Fletcher Harper


Fletcher Harper (January 31, 1806 – May 29, 1877)[1] was an American publisher in the early-to-mid 19th century.

Fletcher Harper

Fletcher Harper was born January 31, 1806, in Newtown, New York.[1] He was the youngest of four sons born to Joseph Henry Harper, (1750–1838), a farmer, carpenter, and storekeeper, and Elizabeth Kollyer, a Dutch burgher's daughter. With his brothers, James, John, and Joseph Wesley, he founded the Harper & Brothers publishing house.[1] He is credited with founding Harper's Weekly (1850), Harper's Magazine (1850),[1] and Harper's Bazaar (1867).[2] Fletcher gave cartoonist Thomas Nast his start in Harper's Weekly, and gave Nast great editorial freedom.
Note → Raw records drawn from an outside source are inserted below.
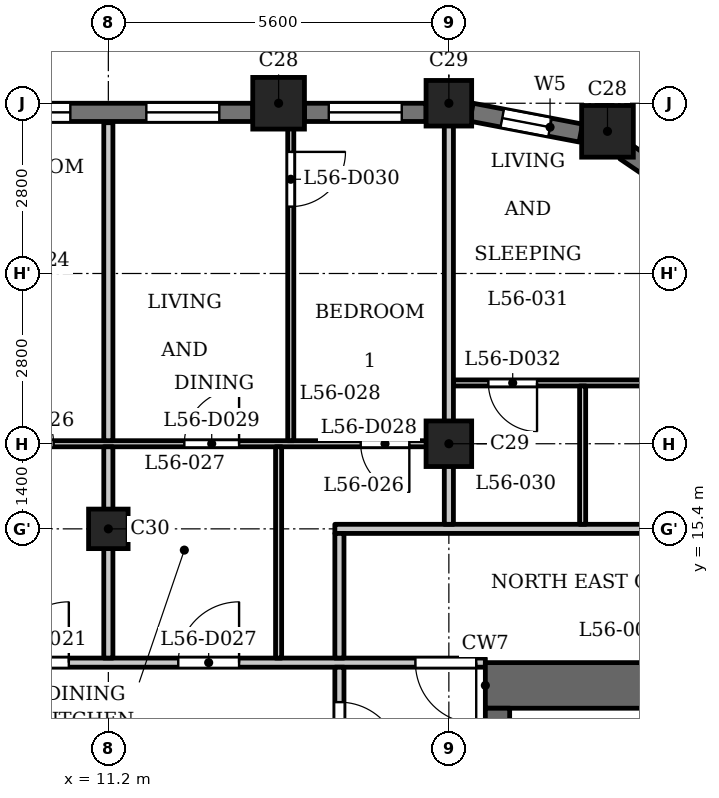
"""IFC4 building model, lengths in metres.
Left out: names, types, materials, properties, quantities, classifications, styles, units other than length and angle.
Written with IfcOpenShell. Run it as: python <this file> out.ifc"""

import sys

from ifc_helpers import new_model, si_unit, direction, frame, frame_2d, origin, origin_2d, place, context, subcontext, project, spatial, rectangle, extrude, element, fill, save


model = new_model("IFC4")
c1 = context("Model", 3, precision=1e-05, world=origin(), true_north=direction((0.0, 1.0)))
c2 = subcontext(c1, "Body", "Model", "MODEL_VIEW")
j1 = project(units=[si_unit("LENGTHUNIT", "METRE"), si_unit("PLANEANGLEUNIT", "RADIAN")], contexts=[c1])
p1 = place(None, origin())
s1 = spatial("IfcSite", under=j1, at=p1, CompositionType="ELEMENT")
p2 = place(p1, origin())
s2 = spatial("IfcBuilding", under=s1, at=p2, CompositionType="ELEMENT")
p3 = place(p2, frame((0.0, 0.0, 216.9)))
s3 = spatial("IfcBuildingStorey", under=s2, at=p3, CompositionType="ELEMENT", Elevation=216.9)
for number, where, z_axis, x_axis in (
    (1, (19.409, 21.938, 0.0), (0.0, 0.0, 1.0), (1.0, 0.0, 0.0)),
    (2, (14.0, 22.4, 0.0), (0.0, 0.0, 1.0), (1.0, 0.0, 0.0)),
):
    element("IfcColumn", number, at=place(p3, frame(where, z_axis=z_axis, x_axis=x_axis)), inside=s3, PredefinedType="COLUMN", context=c2, shape_type="SweptSolid", body=[
        extrude(rectangle(XDim=0.85, YDim=0.85, at=origin_2d()), origin(), (0.0, 0.0, 1.0), 3.5),
    ])
for number, where, z_axis, x_axis in (
    (3, (16.8, 16.8, 0.0), (0.0, 0.0, 1.0), (1.0, 0.0, 0.0)),
    (4, (16.8, 22.4, 0.0), (0.0, 0.0, 1.0), (1.0, 0.0, 0.0)),
):
    element("IfcColumn", number, at=place(p3, frame(where, z_axis=z_axis, x_axis=x_axis)), inside=s3, PredefinedType="COLUMN", context=c2, shape_type="SweptSolid", body=[
        extrude(rectangle(XDim=0.75, YDim=0.75, at=origin_2d()), origin(), (0.0, 0.0, 1.0), 3.5),
    ])
p4 = place(p3, frame((11.2, 15.4, 0.0), z_axis=(0.0, 0.0, 1.0), x_axis=(1.0, 0.0, 0.0)))
e5 = element("IfcColumn", 5, at=p4, inside=s3, PredefinedType="COLUMN", context=c2, shape_type="SweptSolid", body=[
    extrude(rectangle(XDim=0.65, YDim=0.65, at=origin_2d()), origin(), (0.0, 0.0, 1.0), 3.5),
])
p5 = place(p3, frame((20.796, 20.862, 0.0), z_axis=(0.0, 0.0, 1.0), x_axis=(-0.827035970432, 0.562149004813, 0.0)))
e6 = element("IfcWall", 6, at=p5, inside=s3, PredefinedType="SOLIDWALL", context=c2, shape_type="SweptSolid", body=[
    extrude(rectangle(XDim=1.327, YDim=0.3, at=frame_2d((0.664, 0.0))), origin(), (0.0, 0.0, 1.0), 2.5),
])
p6 = place(p3, frame((18.971, 21.91, 0.0), z_axis=(0.0, 0.0, 1.0), x_axis=(-0.982300037503, 0.187314271538, 0.0)))
e7 = element("IfcWall", 7, at=p6, inside=s3, PredefinedType="SOLIDWALL", context=c2, shape_type="SweptSolid", body=[
    extrude(rectangle(XDim=1.831, YDim=0.3, at=frame_2d((0.916, 0.0))), origin(), (0.0, 0.0, 1.0), 2.5),
])
p7 = place(p6, frame((0.516, 0.0, 0.6)))
e8 = element("IfcOpeningElement", 8, at=p7, cuts=e7, PredefinedType="OPENING", context=c2, shape_type="SweptSolid", body=[
    extrude(rectangle(XDim=0.8, YDim=1.55, at=frame_2d((0.4, 0.775))), frame((0.0, 0.16, 0.0), z_axis=(0.0, -1.0, 0.0), x_axis=(1.0, 0.0, 0.0)), (0.0, 0.0, 1.0), 0.32),
])
p8 = place(p3, frame((16.425, 22.25, 0.0), z_axis=(0.0, 0.0, 1.0), x_axis=(-1.0, 0.0, 0.0)))
e9 = element("IfcWall", 9, at=p8, inside=s3, PredefinedType="SOLIDWALL", context=c2, shape_type="SweptSolid", body=[
    extrude(rectangle(XDim=2.0, YDim=0.3, at=frame_2d((1.0, 0.0))), origin(), (0.0, 0.0, 1.0), 2.5),
])
p9 = place(p8, frame((0.4, 0.0, 0.6)))
e10 = element("IfcOpeningElement", 10, at=p9, cuts=e9, PredefinedType="OPENING", context=c2, shape_type="SweptSolid", body=[
    extrude(rectangle(XDim=1.2, YDim=1.55, at=frame_2d((0.6, 0.775))), frame((0.0, 0.16, 0.0), z_axis=(0.0, -1.0, 0.0), x_axis=(1.0, 0.0, 0.0)), (0.0, 0.0, 1.0), 0.32),
])
p10 = place(p3, frame((13.575, 22.25, 0.0), z_axis=(0.0, 0.0, 1.0), x_axis=(-1.0, 0.0, 0.0)))
e11 = element("IfcWall", 11, at=p10, inside=s3, PredefinedType="SOLIDWALL", context=c2, shape_type="SweptSolid", body=[
    extrude(rectangle(XDim=4.75, YDim=0.3, at=frame_2d((2.375, 0.0))), origin(), (0.0, 0.0, 1.0), 2.5),
])
p11 = place(p10, frame((0.55, 0.0, 0.6)))
e12 = element("IfcOpeningElement", 12, at=p11, cuts=e11, PredefinedType="OPENING", context=c2, shape_type="SweptSolid", body=[
    extrude(rectangle(XDim=1.2, YDim=1.55, at=frame_2d((0.6, 0.775))), frame((0.0, 0.16, 0.0), z_axis=(0.0, -1.0, 0.0), x_axis=(1.0, 0.0, 0.0)), (0.0, 0.0, 1.0), 0.32),
])
p12 = place(p10, frame((3.0, 0.0, 0.6)))
e13 = element("IfcOpeningElement", 13, at=p12, cuts=e11, PredefinedType="OPENING", context=c2, shape_type="SweptSolid", body=[
    extrude(rectangle(XDim=1.2, YDim=1.55, at=frame_2d((0.6, 0.775))), frame((0.0, 0.16, 0.0), z_axis=(0.0, -1.0, 0.0), x_axis=(1.0, 0.0, 0.0)), (0.0, 0.0, 1.0), 0.32),
])
p13 = place(p3, frame((17.4, 12.825, 0.0), z_axis=(0.0, 0.0, 1.0), x_axis=(1.0, 0.0, 0.0)))
e14 = element("IfcWall", 14, at=p13, inside=s3, PredefinedType="SHEAR", context=c2, shape_type="SweptSolid", body=[
    extrude(rectangle(XDim=7.6, YDim=0.75, at=frame_2d((3.8, 0.0))), origin(), (0.0, 0.0, 1.0), 3.2),
])
p14 = place(p3, frame((17.6, -12.45, 0.0), z_axis=(0.0, 0.0, 1.0), x_axis=(0.0, 1.0, 0.0)))
e15 = element("IfcWall", 15, at=p14, inside=s3, PredefinedType="SHEAR", context=c2, shape_type="SweptSolid", body=[
    extrude(rectangle(XDim=24.9, YDim=0.4, at=frame_2d((12.45, 0.0))), origin(), (0.0, 0.0, 1.0), 3.2),
])
p15 = place(p14, frame((6.85, 0.0, 0.0)))
e16 = element("IfcOpeningElement", 16, at=p15, cuts=e15, PredefinedType="OPENING", context=c2, shape_type="SweptSolid", body=[
    extrude(rectangle(XDim=0.9, YDim=2.1, at=frame_2d((0.45, 1.05))), frame((0.0, 0.21, 0.0), z_axis=(0.0, -1.0, 0.0), x_axis=(1.0, 0.0, 0.0)), (0.0, 0.0, 1.0), 0.42),
])
p16 = place(p14, frame((10.45, 0.0, 0.0)))
e17 = element("IfcOpeningElement", 17, at=p16, cuts=e15, PredefinedType="OPENING", context=c2, shape_type="SweptSolid", body=[
    extrude(rectangle(XDim=0.9, YDim=2.1, at=frame_2d((0.45, 1.05))), frame((0.0, 0.21, 0.0), z_axis=(0.0, -1.0, 0.0), x_axis=(1.0, 0.0, 0.0)), (0.0, 0.0, 1.0), 0.42),
])
p17 = place(p14, frame((15.6, 0.0, 0.0)))
e18 = element("IfcOpeningElement", 18, at=p17, cuts=e15, PredefinedType="OPENING", context=c2, shape_type="SweptSolid", body=[
    extrude(rectangle(XDim=1.1, YDim=2.1, at=frame_2d((0.55, 1.05))), frame((0.0, 0.21, 0.0), z_axis=(0.0, -1.0, 0.0), x_axis=(1.0, 0.0, 0.0)), (0.0, 0.0, 1.0), 0.42),
])
p18 = place(p14, frame((18.0, 0.0, 0.0)))
e19 = element("IfcOpeningElement", 19, at=p18, cuts=e15, PredefinedType="OPENING", context=c2, shape_type="SweptSolid", body=[
    extrude(rectangle(XDim=1.1, YDim=2.1, at=frame_2d((0.55, 1.05))), frame((0.0, 0.21, 0.0), z_axis=(0.0, -1.0, 0.0), x_axis=(1.0, 0.0, 0.0)), (0.0, 0.0, 1.0), 0.42),
])
p19 = place(p14, frame((23.025, 0.0, 0.0)))
e20 = element("IfcOpeningElement", 20, at=p19, cuts=e15, PredefinedType="OPENING", context=c2, shape_type="SweptSolid", body=[
    extrude(rectangle(XDim=1.1, YDim=2.1, at=frame_2d((0.55, 1.05))), frame((0.0, 0.21, 0.0), z_axis=(0.0, -1.0, 0.0), x_axis=(1.0, 0.0, 0.0)), (0.0, 0.0, 1.0), 0.42),
])
p20 = place(p14, frame((0.775, 0.0, 0.0)))
e21 = element("IfcOpeningElement", 21, at=p20, cuts=e15, PredefinedType="OPENING", context=c2, shape_type="SweptSolid", body=[
    extrude(rectangle(XDim=1.1, YDim=2.1, at=frame_2d((0.55, 1.05))), frame((0.0, 0.21, 0.0), z_axis=(0.0, -1.0, 0.0), x_axis=(1.0, 0.0, 0.0)), (0.0, 0.0, 1.0), 0.42),
])
p21 = place(p14, frame((12.925, 0.0, 0.0)))
e22 = element("IfcOpeningElement", 22, at=p21, cuts=e15, PredefinedType="OPENING", context=c2, shape_type="SweptSolid", body=[
    extrude(rectangle(XDim=1.8, YDim=2.1, at=frame_2d((0.9, 1.05))), frame((0.0, 0.21, 0.0), z_axis=(0.0, -1.0, 0.0), x_axis=(1.0, 0.0, 0.0)), (0.0, 0.0, 1.0), 0.42),
])
p22 = place(p3, frame((-17.4, 13.2, 0.0), z_axis=(0.0, 0.0, 1.0), x_axis=(1.0, 0.0, 0.0)))
e23 = element("IfcWall", 23, at=p22, inside=s3, PredefinedType="PARTITIONING", context=c2, shape_type="SweptSolid", body=[
    extrude(rectangle(XDim=34.8, YDim=0.15, at=frame_2d((17.4, 0.0))), origin(), (0.0, 0.0, 1.0), 3.2),
])
p23 = place(p22, frame((0.25, 0.0, 0.0)))
e24 = element("IfcOpeningElement", 24, at=p23, cuts=e23, PredefinedType="OPENING", context=c2, shape_type="SweptSolid", body=[
    extrude(rectangle(XDim=1.0, YDim=2.1, at=frame_2d((0.5, 1.05))), frame((0.0, 0.085, 0.0), z_axis=(0.0, -1.0, 0.0), x_axis=(1.0, 0.0, 0.0)), (0.0, 0.0, 1.0), 0.17),
])
p24 = place(p22, frame((33.65, 0.0, 0.0)))
e25 = element("IfcOpeningElement", 25, at=p24, cuts=e23, PredefinedType="OPENING", context=c2, shape_type="SweptSolid", body=[
    extrude(rectangle(XDim=1.0, YDim=2.1, at=frame_2d((0.5, 1.05))), frame((0.0, 0.085, 0.0), z_axis=(0.0, -1.0, 0.0), x_axis=(1.0, 0.0, 0.0)), (0.0, 0.0, 1.0), 0.17),
])
p25 = place(p22, frame((15.75, 0.0, 0.0)))
e26 = element("IfcOpeningElement", 26, at=p25, cuts=e23, PredefinedType="OPENING", context=c2, shape_type="SweptSolid", body=[
    extrude(rectangle(XDim=1.0, YDim=2.1, at=frame_2d((0.5, 1.05))), frame((0.0, 0.085, 0.0), z_axis=(0.0, -1.0, 0.0), x_axis=(1.0, 0.0, 0.0)), (0.0, 0.0, 1.0), 0.17),
])
p26 = place(p22, frame((26.95, 0.0, 0.0)))
e27 = element("IfcOpeningElement", 27, at=p26, cuts=e23, PredefinedType="OPENING", context=c2, shape_type="SweptSolid", body=[
    extrude(rectangle(XDim=1.0, YDim=2.1, at=frame_2d((0.5, 1.05))), frame((0.0, 0.085, 0.0), z_axis=(0.0, -1.0, 0.0), x_axis=(1.0, 0.0, 0.0)), (0.0, 0.0, 1.0), 0.17),
])
p27 = place(p22, frame((29.75, 0.0, 0.0)))
e28 = element("IfcOpeningElement", 28, at=p27, cuts=e23, PredefinedType="OPENING", context=c2, shape_type="SweptSolid", body=[
    extrude(rectangle(XDim=1.0, YDim=2.1, at=frame_2d((0.5, 1.05))), frame((0.0, 0.085, 0.0), z_axis=(0.0, -1.0, 0.0), x_axis=(1.0, 0.0, 0.0)), (0.0, 0.0, 1.0), 0.17),
])
p28 = place(p3, frame((14.925, 15.4, 0.0), z_axis=(0.0, 0.0, 1.0), x_axis=(1.0, 0.0, 0.0)))
e29 = element("IfcWall", 29, at=p28, inside=s3, PredefinedType="PARTITIONING", context=c2, shape_type="SweptSolid", body=[
    extrude(rectangle(XDim=9.759, YDim=0.15, at=frame_2d((4.879, 0.0))), origin(), (0.0, 0.0, 1.0), 3.2),
])
p29 = place(p28, frame((7.616, 0.0, 0.0)))
e30 = element("IfcOpeningElement", 30, at=p29, cuts=e29, PredefinedType="OPENING", context=c2, shape_type="SweptSolid", body=[
    extrude(rectangle(XDim=1.0, YDim=2.1, at=frame_2d((0.5, 1.05))), frame((0.0, 0.085, 0.0), z_axis=(0.0, -1.0, 0.0), x_axis=(1.0, 0.0, 0.0)), (0.0, 0.0, 1.0), 0.17),
])
p30 = place(p3, frame((-16.725, 16.8, 0.0), z_axis=(0.0, 0.0, 1.0), x_axis=(1.0, 0.0, 0.0)))
e31 = element("IfcWall", 31, at=p30, inside=s3, PredefinedType="PARTITIONING", context=c2, shape_type="SweptSolid", body=[
    extrude(rectangle(XDim=33.45, YDim=0.1, at=frame_2d((16.725, 0.0))), origin(), (0.0, 0.0, 1.0), 3.2),
])
p31 = place(p30, frame((11.675, 0.0, 0.0)))
e32 = element("IfcOpeningElement", 32, at=p31, cuts=e31, PredefinedType="OPENING", context=c2, shape_type="SweptSolid", body=[
    extrude(rectangle(XDim=0.9, YDim=2.1, at=frame_2d((0.45, 1.05))), frame((0.0, 0.06, 0.0), z_axis=(0.0, -1.0, 0.0), x_axis=(1.0, 0.0, 0.0)), (0.0, 0.0, 1.0), 0.12),
])
p32 = place(p30, frame((9.575, 0.0, 0.0)))
e33 = element("IfcOpeningElement", 33, at=p32, cuts=e31, PredefinedType="OPENING", context=c2, shape_type="SweptSolid", body=[
    extrude(rectangle(XDim=0.9, YDim=2.1, at=frame_2d((0.45, 1.05))), frame((0.0, 0.06, 0.0), z_axis=(0.0, -1.0, 0.0), x_axis=(1.0, 0.0, 0.0)), (0.0, 0.0, 1.0), 0.12),
])
p33 = place(p30, frame((17.375, 0.0, 0.0)))
e34 = element("IfcOpeningElement", 34, at=p33, cuts=e31, PredefinedType="OPENING", context=c2, shape_type="SweptSolid", body=[
    extrude(rectangle(XDim=0.8, YDim=2.1, at=frame_2d((0.4, 1.05))), frame((0.0, 0.06, 0.0), z_axis=(0.0, -1.0, 0.0), x_axis=(1.0, 0.0, 0.0)), (0.0, 0.0, 1.0), 0.12),
])
p34 = place(p30, frame((19.525, 0.0, 0.0)))
e35 = element("IfcOpeningElement", 35, at=p34, cuts=e31, PredefinedType="OPENING", context=c2, shape_type="SweptSolid", body=[
    extrude(rectangle(XDim=0.9, YDim=2.1, at=frame_2d((0.45, 1.05))), frame((0.0, 0.06, 0.0), z_axis=(0.0, -1.0, 0.0), x_axis=(1.0, 0.0, 0.0)), (0.0, 0.0, 1.0), 0.12),
])
p35 = place(p30, frame((23.775, 0.0, 0.0)))
e36 = element("IfcOpeningElement", 36, at=p35, cuts=e31, PredefinedType="OPENING", context=c2, shape_type="SweptSolid", body=[
    extrude(rectangle(XDim=0.9, YDim=2.1, at=frame_2d((0.45, 1.05))), frame((0.0, 0.06, 0.0), z_axis=(0.0, -1.0, 0.0), x_axis=(1.0, 0.0, 0.0)), (0.0, 0.0, 1.0), 0.12),
])
p36 = place(p30, frame((26.125, 0.0, 0.0)))
e37 = element("IfcOpeningElement", 37, at=p36, cuts=e31, PredefinedType="OPENING", context=c2, shape_type="SweptSolid", body=[
    extrude(rectangle(XDim=0.9, YDim=2.1, at=frame_2d((0.45, 1.05))), frame((0.0, 0.06, 0.0), z_axis=(0.0, -1.0, 0.0), x_axis=(1.0, 0.0, 0.0)), (0.0, 0.0, 1.0), 0.12),
])
p37 = place(p30, frame((32.075, 0.0, 0.0)))
e38 = element("IfcOpeningElement", 38, at=p37, cuts=e31, PredefinedType="OPENING", context=c2, shape_type="SweptSolid", body=[
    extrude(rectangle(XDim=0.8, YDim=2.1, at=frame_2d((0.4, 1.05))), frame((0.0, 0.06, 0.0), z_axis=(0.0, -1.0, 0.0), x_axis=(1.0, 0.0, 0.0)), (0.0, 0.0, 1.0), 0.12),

His newspaper Harper's Weekly rose to fame during the American Civil War because of Nast's depiction of the war. It was called by United States President Abraham Lincoln, "The greatest recruiter for the United States Military." Harper's Weekly was also responsible for publishing the first modern image of Santa Claus (drawn by Nast).

Harper died in New York City in 1877. His paper lost influence after his death when his successor George William Curtis began putting restrictions on Nast, causing him to quit in 1886.[citation needed]


  1. ^ a b c d "Obituary - Fletcher Harper" (PDF). The New York Times. May 30, 1877. pp. 4–5. Retrieved April 6, 2017.
  2. ^ "Obituary - Fletcher Harper". The American Bookseller. Vol. 3, no. 11. June 1, 1877. pp. 326–327. Retrieved April 6, 2017.